The exhaust emissions from road vehicles with internal combustion engines are very sensitive to the conditions of vehicle operation. This is due to the fact that the road-vehicle operating conditions determine the engine’s operating states. These operating states of internal combustion engines that determine the exhaust emissions are: engine rotational speed and its load, which may be represented by a measure of the engine torque. Additionally, in the engine’s warm-up phase to its temperature of stable operation, the factor determining the exhaust emissions is the engine thermal state [
1], which can be characterized by the temperature of the engine components and their operating factors, especially the temperature of the coolant and engine oil. Due to the impact on exhaust emissions, it is important to know whether the engine operating states are static or dynamic processes. In the real conditions of road-vehicle operation, there is a clear predominance of the dynamic engine operation states. Therefore, it is necessary to ensure that the test conditions represent such properties of the dynamic operating states, which—according to the adopted criteria—correspond to the properties of the real operation of vehicles. Such properties may be the frequency characteristics of the engine operating states.

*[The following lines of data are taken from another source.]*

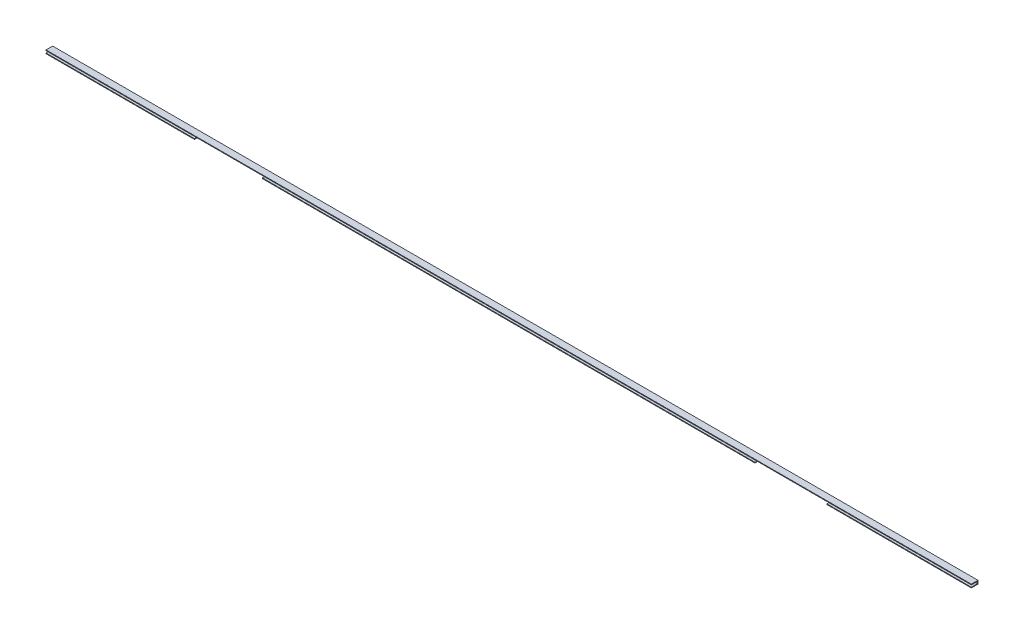
SolidWorks part; units mm, degrees
material "硅橡胶"
ref_plane "前视基准面" through (0, 0, 0) normal (0, 0, 1) x (1, 0, 0)
ref_plane "上视基准面" through (0, 0, 0) normal (0, 1, 0) x (1, 0, 0)
ref_plane "右视基准面" through (0, 0, 0) normal (1, 0, 0) x (0, 0, -1)
other "Configuration Table"
sketch "草图1" plane through (0, 0, 0) normal (0, 0, 1) x (1, 0, 0)
  line L1 (-695, -2.5) -> (695, -2.5)
  line L2 (-695, -2.5) -> (-695, 2.5)
  line L3 (-695, 2.5) -> (695, 2.5)
  line L4 (695, -2.5) -> (695, 2.5)
  line L5 (-695, -2.5) -> (695, 2.5) construction
  line L6 (-695, 2.5) -> (695, -2.5) construction
  point P0 (0, 0)
  dimension "D1" = 1390
  dimension "D2" = 5
extrude "拉伸-薄壁1" add sketch "草图1" along normal blind 10 thin thin type one direction reverse wall 1
sketch "草图2" plane through (-695, 0, 0) normal (-1, 0, 0) x (0, 0, 1)
  line L0 (10, -2.5) -> (0, -2.5) construction
  line L1 (0, 2.5) -> (1, 2.5)
  line L2 (0, 2.5) -> (0, -2.5)
  line L3 (0, -2.5) -> (1, -2.5)
  line L4 (1, 2.5) -> (1, -2.5)
  dimension "D1" = 1
extrude "凸台-拉伸1" add sketch "草图2" against normal up to surface (1389 mm away) contours L4 L3 L2 L1 up to face at (694, 0, 5)
sketch "草图3" plane through (694, 0, 0) normal (-1, 0, 0) x (0, 0, 1)
  line L4 (10, 1.5) -> (1, 1.5)
  line L5 (1, 1.5) -> (1, -1.5)
  line L6 (1, -1.5) -> (10, -1.5)
  line L7 (10, -1.5) -> (10, 1.5)
  line L8 (10, 1.5) -> (1, 1.5)
  line L9 (1, 1.5) -> (1, -1.5)
  line L10 (1, -1.5) -> (10, -1.5)
  line L11 (10, -1.5) -> (10, 1.5)
  dimension "D1" = 0
extrude "切除-拉伸1" cut sketch "草图3" against normal through all both and the other way through all
sketch "草图4" plane through (-695, 0, 0) normal (-1, 0, 0) x (0, 0, 1)
  line L1 (0, -2.5) -> (10, -2.5)
  line L2 (0, -2.5) -> (0, -1.5)
  line L3 (0, -1.5) -> (10, -1.5)
  line L4 (10, -2.5) -> (10, -1.5)
extrude "切除-拉伸2" cut sketch "草图4" along normal blind 102 from offset 325 offset against normal yes
mirror "镜向1" about plane through (0, 0, 0) normal (1, 0, 0) of "切除-拉伸2"
sketch "草图5" plane through (0, -2.5, 0) normal (0, -1, 0) x (1, 0, 0)
  line L0 (472, 10) -> (695, 10) construction
  line L1 (472, 1) -> (478, 1)
  line L2 (472, 1) -> (472, 10)
  line L3 (472, 10) -> (478, 10)
  line L4 (478, 1) -> (478, 10)
  line L6 (472, 1) -> (370, 1) construction
  dimension "D1" = 6
extrude "切除-拉伸5" cut sketch "草图5" against normal up to surface (4 mm away) up to face at (0, 1.5, 5.5)
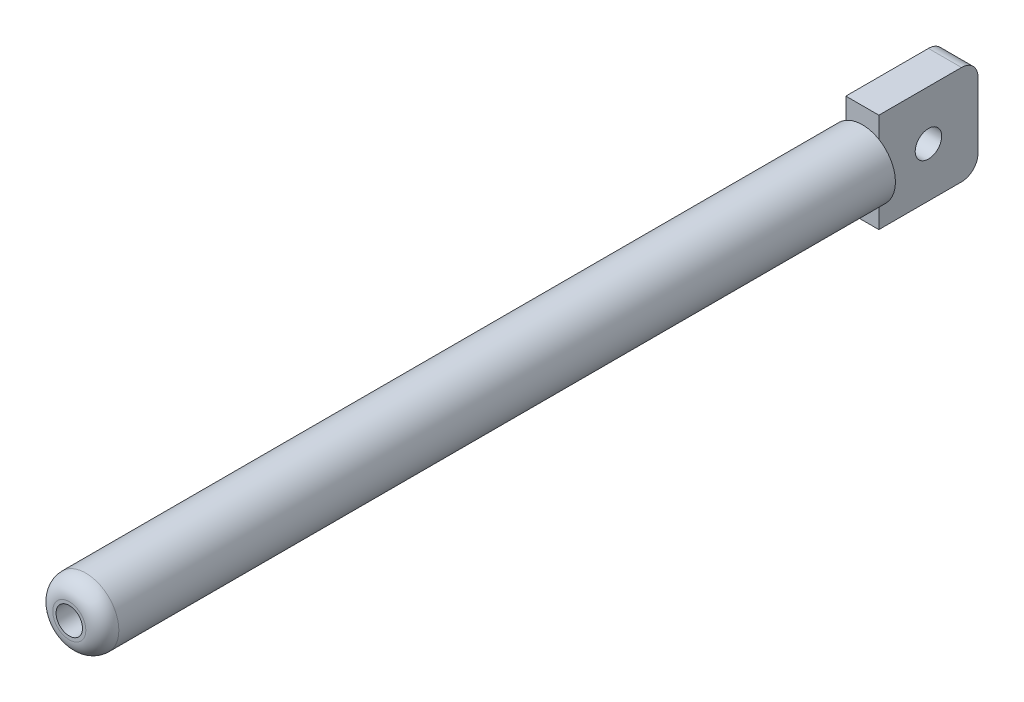
SolidWorks part; units mm, degrees
ref_plane "Front Plane" through (0, 0, 0) normal (0, 0, 1) x (1, 0, 0)
ref_plane "Top Plane" through (0, 0, 0) normal (0, 1, 0) x (1, 0, 0)
ref_plane "Right Plane" through (0, 0, 0) normal (1, 0, 0) x (0, 0, -1)
sketch "Sketch1" plane through (0, 0, 0) normal (0, 0, 1) x (1, 0, 0)
  circle A0 centre (0, 0) radius 10
  dimension "D1" = 20
extrude "Boss-Extrude1" add sketch "Sketch1" along normal blind 240
sketch "Sketch2" plane through (0, 0, 0) normal (1, 0, 0) x (0, 0, -1)
  line L0 (0, 0) -> (39.0993, 0) construction
  line L1 (11, 0) -> (-11, 0) construction
  line L2 (0, -15) -> (0, 15)
  line L3 (0, 15) -> (30, 15)
  line L4 (30, -15) -> (30, 15)
  line L5 (0, -15) -> (30, -15)
  point P9 (30, 0)
  dimension "D1" = 30
  dimension "D2" = 15
extrude "Boss-Extrude2" add sketch "Sketch2" along normal mid plane 10
sketch "Sketch3" plane through (5, 0, 0) normal (1, 0, 0) x (0, 0, -1)
  line L0 (30, -15) -> (30, 15) construction
  circle A0 centre (15, 0) radius 4
  dimension "D1" = 8
  dimension "D2" = 15
extrude "Cut-Extrude1" cut sketch "Sketch3" against normal blind 38
fillet "Fillet1" radius 5 2 edges at (0, 15, -30) (0, -15, -30)
fillet "Fillet2" radius 5 1 edges at (10, 0, 240)
sketch "Sketch4" plane through (0, 0, 240) normal (0, 0, 1) x (1, 0, 0)
  circle A0 centre (0, 0) radius 4
  dimension "D1" = 8
extrude "Cut-Extrude2" cut sketch "Sketch4" against normal blind 20

The procedure for testing road-vehicle exhaust emissions in real operating conditions is called RDE (Real Driving Emissions) [
2,
3,
4]. The idea of testing exhaust emissions from motor vehicles, both in laboratory conditions and in real operating conditions, is currently being partially implemented, e.g., by the authors of [
5,
6]. The first limitation is related to the test objects. The tests conducted in real operating conditions apply to the following vehicle categories: passenger cars and light trucks. The second limitation concerns the size of the criteria of exhaust emissions—these are road emissions of carbon monoxide, road emissions of nitrogen oxides and the number of solid particles.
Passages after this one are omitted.